The question of whether the impaired consciousness in a head injured patient who is also sedated is attributable to the head injury or solely to a sedating agent is a matter of judgement for the responsible clinician.  Hence, judgements about both the cause of impaired consciousness and about the appropriateness of steroids are relevant when considering the enrolment of a patient.  If the responsible doctor is substantially certain that a sedated patient with head injury will not benefit from steroids they should not be entered into the trial.  However, all those for whom the responsible doctor is substantially uncertain as to whether or not to give corticosteroids are eligible for randomisation, and as many such patients as possible should be considered for the trial.

Examples (see also examples under Query X above): 1. A patient with a severe head injury received sedation prior to performance of a head CT scan.  In the opinion of the responsible doctor, the patient’s head injury is sufficient to cause impaired consciousness even in the absence of sedation.  The clinician is uncertain about the appropriateness of corticosteroids, and decides to enrol the subject in the trial.

2. A patient with a mild head injury was sedated prior to the setting of his femur fracture.  The responsible clinician judges that without sedation, the patient’s GCS would have been fully conscious, hence the patient is not eligible for the trial.

No.
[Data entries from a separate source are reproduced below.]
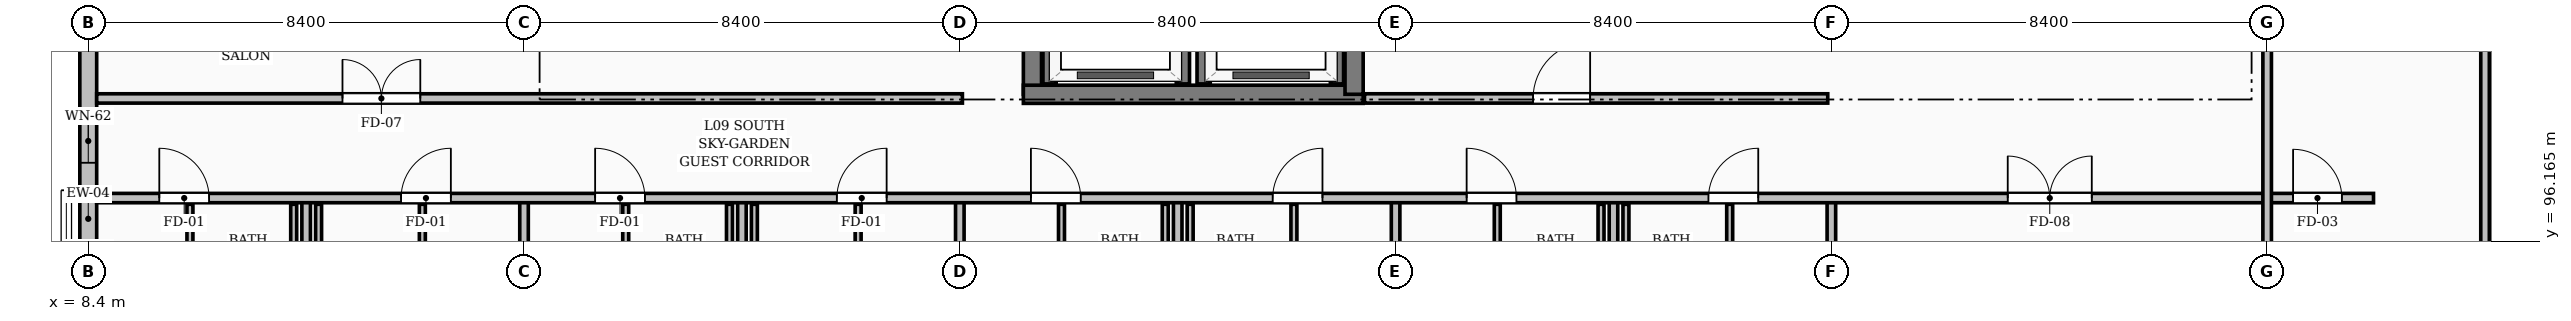
"""IFC4 building model, lengths in metres.
Left out: names, types, materials, properties, quantities, classifications, styles, units other than length and angle.
Written with IfcOpenShell. Run it as: python <this file> out.ifc"""

import sys

from ifc_helpers import new_model, si_unit, direction, frame, frame_2d, origin, place, context, subcontext, project, spatial, rectangle, extrude, element, fill, save


model = new_model("IFC4")
c1 = context("Model", 3, precision=1e-05, world=origin(), true_north=direction((0.0, 1.0)))
c2 = subcontext(c1, "Body", "Model", "MODEL_VIEW")
j1 = project(units=[si_unit("LENGTHUNIT", "METRE"), si_unit("PLANEANGLEUNIT", "RADIAN")], contexts=[c1])
p1 = place(None, origin())
s1 = spatial("IfcSite", under=j1, at=p1, CompositionType="ELEMENT")
p2 = place(p1, origin())
s2 = spatial("IfcBuilding", under=s1, at=p2, CompositionType="ELEMENT")
p3 = place(p2, frame((0.0, 0.0, 31.92)))
s3 = spatial("IfcBuildingStorey", under=s2, at=p3, CompositionType="ELEMENT", Elevation=31.92)
p4 = place(p3, frame((26.6, 99.0, 0.0), z_axis=(0.0, 0.0, 1.0), x_axis=(0.0, 1.0, 0.0)))
e1 = element("IfcWall", 1, at=p4, inside=s3, PredefinedType="SHEAR", context=c2, shape_type="SweptSolid", body=[
    extrude(rectangle(XDim=6.15, YDim=0.35, at=frame_2d((3.075, 0.0))), origin(), (0.0, 0.0, 1.0), 3.1),
])
p5 = place(p3, frame((26.425, 99.0, 0.0), z_axis=(0.0, 0.0, 1.0), x_axis=(1.0, 0.0, 0.0)))
e2 = element("IfcWall", 2, at=p5, inside=s3, PredefinedType="SHEAR", context=c2, shape_type="SweptSolid", body=[
    extrude(rectangle(XDim=6.55, YDim=0.35, at=frame_2d((3.275, 0.0))), origin(), (0.0, 0.0, 1.0), 3.1),
])
p6 = place(p3, frame((32.8, 99.0, 0.0), z_axis=(0.0, 0.0, 1.0), x_axis=(0.0, 1.0, 0.0)))
e3 = element("IfcWall", 3, at=p6, inside=s3, PredefinedType="SHEAR", context=c2, shape_type="SweptSolid", body=[
    extrude(rectangle(XDim=6.15, YDim=0.35, at=frame_2d((3.075, 0.0))), origin(), (0.0, 0.0, 1.0), 3.1),
])
p7 = place(p3, frame((8.4, 92.701, 0.0), z_axis=(0.0, 0.0, 1.0), x_axis=(0.0, 1.0, 0.0)))
e4 = element("IfcWall", 4, at=p7, inside=s3, PredefinedType="SOLIDWALL", context=c2, shape_type="SweptSolid", body=[
    extrude(rectangle(XDim=7.798, YDim=0.325, at=frame_2d((3.899, 0.0))), origin(), (0.0, 0.0, 1.0), 2.474),
])
p8 = place(p7, frame((2.429, 0.0, 0.3)))
e5 = element("IfcOpeningElement", 5, at=p8, cuts=e4, PredefinedType="OPENING", context=c2, shape_type="SweptSolid", body=[
    extrude(rectangle(XDim=0.84, YDim=1.75, at=frame_2d((0.42, 0.875))), frame((0.0, 0.172, 0.0), z_axis=(0.0, -1.0, 0.0), x_axis=(1.0, 0.0, 0.0)), (0.0, 0.0, 1.0), 0.345),
])
p9 = place(p7, frame((4.979, 0.0, 0.3)))
e6 = element("IfcOpeningElement", 6, at=p9, cuts=e4, PredefinedType="OPENING", context=c2, shape_type="SweptSolid", body=[
    extrude(rectangle(XDim=0.84, YDim=1.75, at=frame_2d((0.42, 0.875))), frame((0.0, 0.172, 0.0), z_axis=(0.0, -1.0, 0.0), x_axis=(1.0, 0.0, 0.0)), (0.0, 0.0, 1.0), 0.345),
])
for number, where, z_axis, x_axis in (
    (7, (26.93, 99.2, 0.0), (0.0, 0.0, 1.0), (0.0, 1.0, 0.0)),
    (8, (29.5, 99.2, 0.0), (0.0, 0.0, 1.0), (0.0, 1.0, 0.0)),
    (9, (29.9, 99.2, 0.0), (0.0, 0.0, 1.0), (0.0, 1.0, 0.0)),
    (10, (32.47, 99.2, 0.0), (0.0, 0.0, 1.0), (0.0, 1.0, 0.0)),
):
    element("IfcWall", number, at=place(p3, frame(where, z_axis=z_axis, x_axis=x_axis)), inside=s3, PredefinedType="SOLIDWALL", context=c2, shape_type="SweptSolid", body=[
        extrude(rectangle(XDim=2.2, YDim=0.255, at=frame_2d((1.1, 0.0))), origin(), (0.0, 0.0, 1.0), 3.1),
    ])
p10 = place(p3, frame((10.36, 94.73, 0.0), z_axis=(0.0, 0.0, 1.0), x_axis=(0.0, 1.0, 0.0)))
e11 = element("IfcWall", 11, at=p10, inside=s3, PredefinedType="PARTITIONING", context=c2, shape_type="SweptSolid", body=[
    extrude(rectangle(XDim=2.15, YDim=0.115, at=frame_2d((1.075, 0.0))), origin(), (0.0, 0.0, 1.0), 2.622),
])
for number, where, z_axis, x_axis in (
    (12, (12.36, 94.73, 0.0), (0.0, 0.0, 1.0), (0.0, 1.0, 0.0)),
    (13, (12.84, 94.73, 0.0), (0.0, 0.0, 1.0), (0.0, 1.0, 0.0)),
):
    element("IfcWall", number, at=place(p3, frame(where, z_axis=z_axis, x_axis=x_axis)), inside=s3, PredefinedType="PARTITIONING", context=c2, shape_type="SweptSolid", body=[
        extrude(rectangle(XDim=2.15, YDim=0.115, at=frame_2d((1.075, 0.0))), origin(), (0.0, 0.0, 1.0), 3.1),
    ])
p11 = place(p3, frame((14.84, 94.73, 0.0), z_axis=(0.0, 0.0, 1.0), x_axis=(0.0, 1.0, 0.0)))
e14 = element("IfcWall", 14, at=p11, inside=s3, PredefinedType="PARTITIONING", context=c2, shape_type="SweptSolid", body=[
    extrude(rectangle(XDim=2.15, YDim=0.115, at=frame_2d((1.075, 0.0))), origin(), (0.0, 0.0, 1.0), 2.622),
])
p12 = place(p3, frame((12.6, 92.562, 0.0), z_axis=(0.0, 0.0, 1.0), x_axis=(0.0, 1.0, 0.0)))
e15 = element("IfcWall", 15, at=p12, inside=s3, PredefinedType="PARTITIONING", context=c2, shape_type="SweptSolid", body=[
    extrude(rectangle(XDim=4.438, YDim=0.165, at=frame_2d((2.219, 0.0))), origin(), (0.0, 0.0, 1.0), 3.1),
])
for number, where, z_axis, x_axis in (
    (16, (18.76, 94.73, 0.0), (0.0, 0.0, 1.0), (0.0, 1.0, 0.0)),
    (17, (20.76, 94.73, 0.0), (0.0, 0.0, 1.0), (0.0, 1.0, 0.0)),
    (18, (21.24, 94.73, 0.0), (0.0, 0.0, 1.0), (0.0, 1.0, 0.0)),
    (19, (23.24, 94.73, 0.0), (0.0, 0.0, 1.0), (0.0, 1.0, 0.0)),
):
    element("IfcWall", number, at=place(p3, frame(where, z_axis=z_axis, x_axis=x_axis)), inside=s3, PredefinedType="PARTITIONING", context=c2, shape_type="SweptSolid", body=[
        extrude(rectangle(XDim=2.15, YDim=0.115, at=frame_2d((1.075, 0.0))), origin(), (0.0, 0.0, 1.0), 3.1),
    ])
p13 = place(p3, frame((21.0, 92.575, 0.0), z_axis=(0.0, 0.0, 1.0), x_axis=(0.0, 1.0, 0.0)))
e20 = element("IfcWall", 20, at=p13, inside=s3, PredefinedType="PARTITIONING", context=c2, shape_type="SweptSolid", body=[
    extrude(rectangle(XDim=4.425, YDim=0.165, at=frame_2d((2.212, 0.0))), origin(), (0.0, 0.0, 1.0), 3.1),
])
p14 = place(p3, frame((16.8, 92.75, 0.0), z_axis=(0.0, 0.0, 1.0), x_axis=(0.0, 1.0, 0.0)))
e21 = element("IfcWall", 21, at=p14, inside=s3, PredefinedType="PARTITIONING", context=c2, shape_type="SweptSolid", body=[
    extrude(rectangle(XDim=4.25, YDim=0.165, at=frame_2d((2.125, 0.0))), origin(), (0.0, 0.0, 1.0), 2.435),
])
p15 = place(p3, frame((27.16, 94.73, 0.0), z_axis=(0.0, 0.0, 1.0), x_axis=(0.0, 1.0, 0.0)))
e22 = element("IfcWall", 22, at=p15, inside=s3, PredefinedType="PARTITIONING", context=c2, shape_type="SweptSolid", body=[
    extrude(rectangle(XDim=2.15, YDim=0.115, at=frame_2d((1.075, 0.0))), origin(), (0.0, 0.0, 1.0), 2.622),
])
for number, where, z_axis, x_axis in (
    (23, (29.16, 94.73, 0.0), (0.0, 0.0, 1.0), (0.0, 1.0, 0.0)),
    (24, (29.64, 94.73, 0.0), (0.0, 0.0, 1.0), (0.0, 1.0, 0.0)),
):
    element("IfcWall", number, at=place(p3, frame(where, z_axis=z_axis, x_axis=x_axis)), inside=s3, PredefinedType="PARTITIONING", context=c2, shape_type="SweptSolid", body=[
        extrude(rectangle(XDim=2.15, YDim=0.115, at=frame_2d((1.075, 0.0))), origin(), (0.0, 0.0, 1.0), 3.1),
    ])
p16 = place(p3, frame((31.64, 94.73, 0.0), z_axis=(0.0, 0.0, 1.0), x_axis=(0.0, 1.0, 0.0)))
e25 = element("IfcWall", 25, at=p16, inside=s3, PredefinedType="PARTITIONING", context=c2, shape_type="SweptSolid", body=[
    extrude(rectangle(XDim=2.15, YDim=0.115, at=frame_2d((1.075, 0.0))), origin(), (0.0, 0.0, 1.0), 2.622),
])
p17 = place(p3, frame((29.4, 92.59, 0.0), z_axis=(0.0, 0.0, 1.0), x_axis=(0.0, 1.0, 0.0)))
e26 = element("IfcWall", 26, at=p17, inside=s3, PredefinedType="PARTITIONING", context=c2, shape_type="SweptSolid", body=[
    extrude(rectangle(XDim=4.41, YDim=0.165, at=frame_2d((2.205, 0.0))), origin(), (0.0, 0.0, 1.0), 3.1),
])
p18 = place(p3, frame((25.2, 92.75, 0.0), z_axis=(0.0, 0.0, 1.0), x_axis=(0.0, 1.0, 0.0)))
e27 = element("IfcWall", 27, at=p18, inside=s3, PredefinedType="PARTITIONING", context=c2, shape_type="SweptSolid", body=[
    extrude(rectangle(XDim=4.25, YDim=0.165, at=frame_2d((2.125, 0.0))), origin(), (0.0, 0.0, 1.0), 2.435),
])
for number, where, z_axis, x_axis in (
    (28, (35.56, 94.73, 0.0), (0.0, 0.0, 1.0), (0.0, 1.0, 0.0)),
    (29, (37.56, 94.73, 0.0), (0.0, 0.0, 1.0), (0.0, 1.0, 0.0)),
    (30, (38.04, 94.73, 0.0), (0.0, 0.0, 1.0), (0.0, 1.0, 0.0)),
    (31, (40.04, 94.73, 0.0), (0.0, 0.0, 1.0), (0.0, 1.0, 0.0)),
):
    element("IfcWall", number, at=place(p3, frame(where, z_axis=z_axis, x_axis=x_axis)), inside=s3, PredefinedType="PARTITIONING", context=c2, shape_type="SweptSolid", body=[
        extrude(rectangle(XDim=2.15, YDim=0.115, at=frame_2d((1.075, 0.0))), origin(), (0.0, 0.0, 1.0), 3.1),
    ])
p19 = place(p3, frame((37.8, 92.613, 0.0), z_axis=(0.0, 0.0, 1.0), x_axis=(0.0, 1.0, 0.0)))
e32 = element("IfcWall", 32, at=p19, inside=s3, PredefinedType="PARTITIONING", context=c2, shape_type="SweptSolid", body=[
    extrude(rectangle(XDim=4.387, YDim=0.165, at=frame_2d((2.194, 0.0))), origin(), (0.0, 0.0, 1.0), 3.1),
])
for number, where, z_axis, x_axis in (
    (33, (33.6, 92.75, 0.0), (0.0, 0.0, 1.0), (0.0, 1.0, 0.0)),
    (34, (42.0, 92.75, 0.0), (0.0, 0.0, 1.0), (0.0, 1.0, 0.0)),
):
    element("IfcWall", number, at=place(p3, frame(where, z_axis=z_axis, x_axis=x_axis)), inside=s3, PredefinedType="PARTITIONING", context=c2, shape_type="SweptSolid", body=[
        extrude(rectangle(XDim=4.25, YDim=0.165, at=frame_2d((2.125, 0.0))), origin(), (0.0, 0.0, 1.0), 2.435),
    ])
p20 = place(p3, frame((8.562, 97.0, 0.0), z_axis=(0.0, 0.0, 1.0), x_axis=(1.0, 0.0, 0.0)))
e35 = element("IfcWall", 35, at=p20, inside=s3, PredefinedType="PARTITIONING", context=c2, shape_type="SweptSolid", body=[
    extrude(rectangle(XDim=41.837, YDim=0.18, at=frame_2d((20.919, 0.0))), origin(), (0.0, 0.0, 1.0), 3.1),
])
p21 = place(p20, frame((1.207, 0.0, 0.0)))
e36 = element("IfcOpeningElement", 36, at=p21, cuts=e35, PredefinedType="OPENING", context=c2, shape_type="SweptSolid", body=[
    extrude(rectangle(XDim=0.96, YDim=2.15, at=frame_2d((0.48, 1.075))), frame((0.0, 0.1, 0.0), z_axis=(0.0, -1.0, 0.0), x_axis=(1.0, 0.0, 0.0)), (0.0, 0.0, 1.0), 0.2),
])
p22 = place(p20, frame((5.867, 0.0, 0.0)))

Patients should be discharged as soon as they are ready. If this is before the end of the trial infusion, the infusion should simply be stopped.

17. What should we do with any unused trial treatment vials?

Any unused trial treatment should be destroyed.

18. What if the infusion is interrupted?

Resume as soon as possible. The infusion is stable for 24 hours, after which the bag should be discarded regardless of total volume infused.

19. What if the patient is transferred to another hospital after being randomised but before the 48 hour infusion is completed.

Please ensure the allocated treatment pack accompanies the patient to the transferring ospital. This contains all the instructions for administration of the trial drug and trial procedures. With this send one of the early outcome forms (with box and pack sticker attached). Complete the remaining form and send to the MRC CRASH Trial Centre. Ensure a HOSPITAL TRANSFER FORM travels to the transferring hospital with the patient. This should stop queries regarding the trial returning to you!

20. What if the patient is transferred to another hospital after the infusion is completed but within 14 days of admission.

Please send one of the 14 day outcome forms with the patient. Complete the other 14 day outcome form, specifying the name if it is an acute care hospital, and send to the MRC Trial Centre.

NB. Ensure the HOSPITAL TRANSFER FORM travels to the transferring hospital with the patient.